The fantastic thing about being a part of a weekly tv sequence is, as Alexander Hodge tells it, the morning-after-airing group chat.
“All of us textual content one another on Monday after the episodes come out and we ship one another good messages,” Hodge says of his fellow “Grosse Pointe Backyard Society” forged members. “It’s fascinating if you learn the scripts — and we learn them months in the past — after which we filmed them possibly six weeks in the past, after which as soon as the edit comes again, it goes to air, and it’s good to see the development and see what work all people else did.”
“Grosse Pointe Backyard Society,” on Peacock, is a murder-mystery drama set in a rich Michigan suburb’s gardening society. Hodge stars — alongside AnnaSophia Robb, Aja Naomi King, Ben Rappaport and Melissa Fumero — as Doug, husband to Robb’s Alice.
Hodge burst onto the scene within the Issa Rae-helmed sequence “Insecure” in 2018, wherein he performed a love curiosity of Yvonne Orji’s Molly, who turned often known as “Asian bae.” Within the years that adopted, Hodge was regularly provided comparable love curiosity roles, which is one thing he contended with for various years.
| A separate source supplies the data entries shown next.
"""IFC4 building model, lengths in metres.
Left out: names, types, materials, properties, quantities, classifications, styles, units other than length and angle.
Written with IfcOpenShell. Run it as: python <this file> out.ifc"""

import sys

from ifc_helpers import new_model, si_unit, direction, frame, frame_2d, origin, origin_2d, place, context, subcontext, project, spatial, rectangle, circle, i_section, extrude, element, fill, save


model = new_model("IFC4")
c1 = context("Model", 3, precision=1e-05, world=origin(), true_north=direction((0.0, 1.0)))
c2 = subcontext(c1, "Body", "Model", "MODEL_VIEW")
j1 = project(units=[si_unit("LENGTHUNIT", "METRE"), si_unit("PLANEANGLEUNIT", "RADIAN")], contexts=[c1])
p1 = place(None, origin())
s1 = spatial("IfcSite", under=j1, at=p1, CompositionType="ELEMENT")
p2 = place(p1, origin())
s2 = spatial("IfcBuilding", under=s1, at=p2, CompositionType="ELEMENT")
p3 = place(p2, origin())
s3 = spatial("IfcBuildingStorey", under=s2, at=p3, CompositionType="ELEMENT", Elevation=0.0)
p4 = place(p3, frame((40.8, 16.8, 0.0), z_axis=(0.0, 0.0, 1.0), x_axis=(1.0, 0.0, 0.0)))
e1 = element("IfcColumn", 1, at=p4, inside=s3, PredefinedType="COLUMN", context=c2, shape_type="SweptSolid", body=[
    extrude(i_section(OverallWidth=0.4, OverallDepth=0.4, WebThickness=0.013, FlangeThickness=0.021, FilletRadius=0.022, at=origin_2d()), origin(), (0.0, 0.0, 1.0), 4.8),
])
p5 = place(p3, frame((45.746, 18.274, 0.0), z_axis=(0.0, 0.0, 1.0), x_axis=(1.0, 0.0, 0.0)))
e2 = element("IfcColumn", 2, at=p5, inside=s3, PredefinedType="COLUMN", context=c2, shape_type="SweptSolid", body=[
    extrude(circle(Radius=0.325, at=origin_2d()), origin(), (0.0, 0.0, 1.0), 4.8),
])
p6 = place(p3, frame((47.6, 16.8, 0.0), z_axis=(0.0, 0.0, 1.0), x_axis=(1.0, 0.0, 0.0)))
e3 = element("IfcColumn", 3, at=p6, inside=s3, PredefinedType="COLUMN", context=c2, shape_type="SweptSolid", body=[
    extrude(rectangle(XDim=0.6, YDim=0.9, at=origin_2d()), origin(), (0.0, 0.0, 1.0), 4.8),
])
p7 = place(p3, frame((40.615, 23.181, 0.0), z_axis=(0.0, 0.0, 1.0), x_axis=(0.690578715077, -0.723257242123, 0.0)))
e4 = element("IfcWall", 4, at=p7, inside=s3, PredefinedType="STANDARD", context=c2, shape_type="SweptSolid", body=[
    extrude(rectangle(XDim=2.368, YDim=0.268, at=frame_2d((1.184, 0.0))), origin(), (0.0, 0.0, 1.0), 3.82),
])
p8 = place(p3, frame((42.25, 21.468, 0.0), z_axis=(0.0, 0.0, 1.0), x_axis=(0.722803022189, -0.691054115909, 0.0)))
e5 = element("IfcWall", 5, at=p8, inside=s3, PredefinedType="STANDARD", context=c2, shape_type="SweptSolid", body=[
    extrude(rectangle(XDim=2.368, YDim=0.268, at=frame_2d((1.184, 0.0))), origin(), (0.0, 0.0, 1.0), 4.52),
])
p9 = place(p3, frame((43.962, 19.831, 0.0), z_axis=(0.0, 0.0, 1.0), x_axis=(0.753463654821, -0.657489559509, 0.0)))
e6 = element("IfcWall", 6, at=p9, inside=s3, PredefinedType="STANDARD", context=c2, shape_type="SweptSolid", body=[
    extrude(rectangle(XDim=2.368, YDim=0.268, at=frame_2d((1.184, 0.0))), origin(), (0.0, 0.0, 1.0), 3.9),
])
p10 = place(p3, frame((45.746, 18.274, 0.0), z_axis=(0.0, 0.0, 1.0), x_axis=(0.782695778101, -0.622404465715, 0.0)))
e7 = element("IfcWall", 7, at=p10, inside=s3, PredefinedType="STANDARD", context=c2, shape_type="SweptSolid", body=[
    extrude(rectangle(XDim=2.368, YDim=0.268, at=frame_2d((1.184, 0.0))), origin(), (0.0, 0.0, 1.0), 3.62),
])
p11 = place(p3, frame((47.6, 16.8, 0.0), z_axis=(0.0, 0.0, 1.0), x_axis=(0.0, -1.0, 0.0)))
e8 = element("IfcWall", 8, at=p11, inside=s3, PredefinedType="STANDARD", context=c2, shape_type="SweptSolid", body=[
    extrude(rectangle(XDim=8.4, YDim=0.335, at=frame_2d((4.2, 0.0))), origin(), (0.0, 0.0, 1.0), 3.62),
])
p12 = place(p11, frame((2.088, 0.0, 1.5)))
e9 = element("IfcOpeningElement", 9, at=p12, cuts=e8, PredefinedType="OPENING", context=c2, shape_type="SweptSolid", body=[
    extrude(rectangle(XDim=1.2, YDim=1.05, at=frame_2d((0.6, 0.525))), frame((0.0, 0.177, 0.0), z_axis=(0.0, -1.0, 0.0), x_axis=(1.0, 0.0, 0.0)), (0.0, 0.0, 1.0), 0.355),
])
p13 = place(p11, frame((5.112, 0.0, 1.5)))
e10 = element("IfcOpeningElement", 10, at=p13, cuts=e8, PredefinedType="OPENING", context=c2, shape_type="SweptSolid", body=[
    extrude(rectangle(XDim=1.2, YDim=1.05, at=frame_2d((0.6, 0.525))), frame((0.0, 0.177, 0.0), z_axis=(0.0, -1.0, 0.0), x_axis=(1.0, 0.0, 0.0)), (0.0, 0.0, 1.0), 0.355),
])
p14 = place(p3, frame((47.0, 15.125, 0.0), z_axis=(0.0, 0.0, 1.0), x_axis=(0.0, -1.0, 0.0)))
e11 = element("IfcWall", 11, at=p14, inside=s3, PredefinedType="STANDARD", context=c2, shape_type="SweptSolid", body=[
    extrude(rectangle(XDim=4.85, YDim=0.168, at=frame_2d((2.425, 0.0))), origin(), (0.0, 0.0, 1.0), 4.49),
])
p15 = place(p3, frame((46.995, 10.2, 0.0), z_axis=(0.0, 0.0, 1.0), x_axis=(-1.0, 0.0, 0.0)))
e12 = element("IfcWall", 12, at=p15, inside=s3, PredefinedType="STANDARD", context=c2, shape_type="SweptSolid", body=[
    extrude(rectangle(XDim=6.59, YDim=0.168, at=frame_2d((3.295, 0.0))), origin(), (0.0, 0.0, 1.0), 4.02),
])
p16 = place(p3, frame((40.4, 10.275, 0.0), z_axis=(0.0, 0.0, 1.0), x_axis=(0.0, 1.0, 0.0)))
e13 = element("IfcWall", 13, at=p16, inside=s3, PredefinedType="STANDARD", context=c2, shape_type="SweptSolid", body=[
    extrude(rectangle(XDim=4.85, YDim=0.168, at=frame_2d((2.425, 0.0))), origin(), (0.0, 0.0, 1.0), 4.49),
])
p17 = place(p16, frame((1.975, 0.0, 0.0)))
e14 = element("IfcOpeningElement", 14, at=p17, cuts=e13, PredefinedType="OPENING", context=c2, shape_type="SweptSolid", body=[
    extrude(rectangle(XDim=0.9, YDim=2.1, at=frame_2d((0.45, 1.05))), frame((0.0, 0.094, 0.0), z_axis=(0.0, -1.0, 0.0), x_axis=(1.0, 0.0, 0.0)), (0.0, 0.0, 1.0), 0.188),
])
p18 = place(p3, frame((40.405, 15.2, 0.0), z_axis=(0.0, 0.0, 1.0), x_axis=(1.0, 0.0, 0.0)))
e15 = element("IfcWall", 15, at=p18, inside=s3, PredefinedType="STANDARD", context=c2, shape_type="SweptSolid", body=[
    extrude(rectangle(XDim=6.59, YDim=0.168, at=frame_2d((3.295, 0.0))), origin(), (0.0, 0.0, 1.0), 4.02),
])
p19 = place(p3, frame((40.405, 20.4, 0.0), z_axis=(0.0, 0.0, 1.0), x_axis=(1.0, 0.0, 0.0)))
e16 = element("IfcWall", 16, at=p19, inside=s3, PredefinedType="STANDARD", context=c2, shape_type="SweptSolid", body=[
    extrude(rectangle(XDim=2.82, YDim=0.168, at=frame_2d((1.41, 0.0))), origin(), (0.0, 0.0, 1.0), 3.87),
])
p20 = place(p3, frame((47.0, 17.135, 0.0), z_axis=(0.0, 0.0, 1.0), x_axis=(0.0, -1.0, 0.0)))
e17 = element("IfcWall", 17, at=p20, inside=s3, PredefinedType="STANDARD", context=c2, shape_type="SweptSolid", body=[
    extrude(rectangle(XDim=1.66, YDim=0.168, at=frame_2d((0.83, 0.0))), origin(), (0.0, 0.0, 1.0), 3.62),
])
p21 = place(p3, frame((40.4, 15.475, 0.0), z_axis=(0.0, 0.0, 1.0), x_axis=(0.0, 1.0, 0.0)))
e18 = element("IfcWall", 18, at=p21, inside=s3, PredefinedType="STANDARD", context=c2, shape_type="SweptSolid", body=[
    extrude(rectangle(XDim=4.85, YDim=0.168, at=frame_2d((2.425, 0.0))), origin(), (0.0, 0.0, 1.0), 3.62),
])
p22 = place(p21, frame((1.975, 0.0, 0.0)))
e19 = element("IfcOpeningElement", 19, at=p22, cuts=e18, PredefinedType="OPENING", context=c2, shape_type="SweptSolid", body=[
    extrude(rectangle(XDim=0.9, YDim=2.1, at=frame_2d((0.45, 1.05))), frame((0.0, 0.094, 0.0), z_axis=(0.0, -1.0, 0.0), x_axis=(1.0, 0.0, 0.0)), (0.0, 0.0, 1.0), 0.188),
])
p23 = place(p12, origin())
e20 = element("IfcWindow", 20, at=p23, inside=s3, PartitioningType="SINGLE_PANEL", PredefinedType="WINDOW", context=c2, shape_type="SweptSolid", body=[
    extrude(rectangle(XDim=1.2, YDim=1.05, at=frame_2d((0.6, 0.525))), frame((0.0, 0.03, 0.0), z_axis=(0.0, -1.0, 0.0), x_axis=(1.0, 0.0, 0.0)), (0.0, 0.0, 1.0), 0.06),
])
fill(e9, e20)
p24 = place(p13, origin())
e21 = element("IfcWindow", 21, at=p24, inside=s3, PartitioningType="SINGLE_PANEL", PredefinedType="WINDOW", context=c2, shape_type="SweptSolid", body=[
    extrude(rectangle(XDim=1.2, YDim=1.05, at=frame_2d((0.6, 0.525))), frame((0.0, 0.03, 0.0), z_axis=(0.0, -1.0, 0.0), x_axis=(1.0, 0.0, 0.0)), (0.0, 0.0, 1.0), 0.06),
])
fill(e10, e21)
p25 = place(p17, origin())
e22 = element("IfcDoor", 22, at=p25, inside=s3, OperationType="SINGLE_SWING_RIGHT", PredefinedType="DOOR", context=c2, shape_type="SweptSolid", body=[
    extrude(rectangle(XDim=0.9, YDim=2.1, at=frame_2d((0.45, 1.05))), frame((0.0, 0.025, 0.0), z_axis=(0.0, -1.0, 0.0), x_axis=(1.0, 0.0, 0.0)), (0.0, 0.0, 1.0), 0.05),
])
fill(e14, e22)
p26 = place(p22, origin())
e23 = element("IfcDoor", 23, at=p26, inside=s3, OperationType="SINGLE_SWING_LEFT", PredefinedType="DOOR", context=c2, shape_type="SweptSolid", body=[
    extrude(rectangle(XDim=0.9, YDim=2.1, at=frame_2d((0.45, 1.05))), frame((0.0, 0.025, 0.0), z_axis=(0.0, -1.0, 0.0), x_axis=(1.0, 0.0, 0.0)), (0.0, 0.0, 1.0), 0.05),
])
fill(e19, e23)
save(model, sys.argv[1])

“I might inform my crew, ‘I’m able to not play the love curiosity or the best man in somebody’s life,’ which is hilarious and ironic simply because that’s such an incredible stereotype to be typecast in. What an exquisite profession that will be if I used to be the best man, the love curiosity,” Hodge says. “However I believe I felt like there got here some extent the place I didn’t really feel challenged by it. And I needed to really feel challenged. I needed to really feel the stress of ‘can I pull this off?’ I believe that’s the place issues really feel alive and issues really feel difficult.”

Alexander Hodge
Courtesy of Derrick Leung
For just a few years following, Hodge sought out a wide range of movie roles, prior to now discovering himself again on community TV.
“As we’ve seen, Doug’s not likely the best accomplice,” Hodge says. “So it was a problem.”
Hodge initially was closed off to the thought of doing one thing like “Grosse Pointe.” In his phrases, he was “throwing a tantrum” to his crew as a result of “one thing hadn’t gone my manner and I’d thrown within the towel, as I do every year.” After experiencing the lack of somebody near him, he got here again to the dialog together with his crew able to “end the job” — and was inspired to check out an audition for “Grosse Pointe.”
“Earlier in my profession, I had all these aspirations and goals of being a extremely severe, struggling indie actor who got here up by way of the award circuit at Sundance and actually, actually sunk my tooth into the nitty gritty. And I spotted, particularly being part of this venture, that there’s a cause that these tasks exist,” Hodge says. “I speak to individuals who I’m working with, like Melissa Fumero, and other people would say to her, ‘I watched [your show] “Brooklyn 9-9” with my mom as she was dying of most cancers,’ or different issues like that. Folks going by way of a foul breakup or folks going by way of a extremely onerous time of their life — they weren’t placing on a f–king heartbreaking indie movie. They have been placing on a community tv present. And I spotted that this was one thing that reached lots of people in a spot of their lives the place it meant loads. And I realized loads about why we do what we do.”

Alexander Hodge
Courtesy of Derrick Leung
Being a part of “Grosse Pointe” then was a little bit of a therapeutic expertise for Hodge to take care of his personal loss, and to domesticate a lighter method to his work, whereas seeing the nice worth in that.
“It turned one thing aspirational for me. To embrace one thing a bit of bit extra playful to embrace one thing a bit of bit…god, I believe all people concerned with the present hates the truth that I say ‘foolish,’ however to me, foolish is such a blessing. Foolish is such an exquisite privilege, to be taught the artwork of play and to have the ability to embrace that as an grownup,” Hodge says. “So I’ve taken to this present with a way of silliness in myself, and I’m so grateful to have the ability to, in my 30s, be capable to embrace that and discover that and see the place that lives in me.”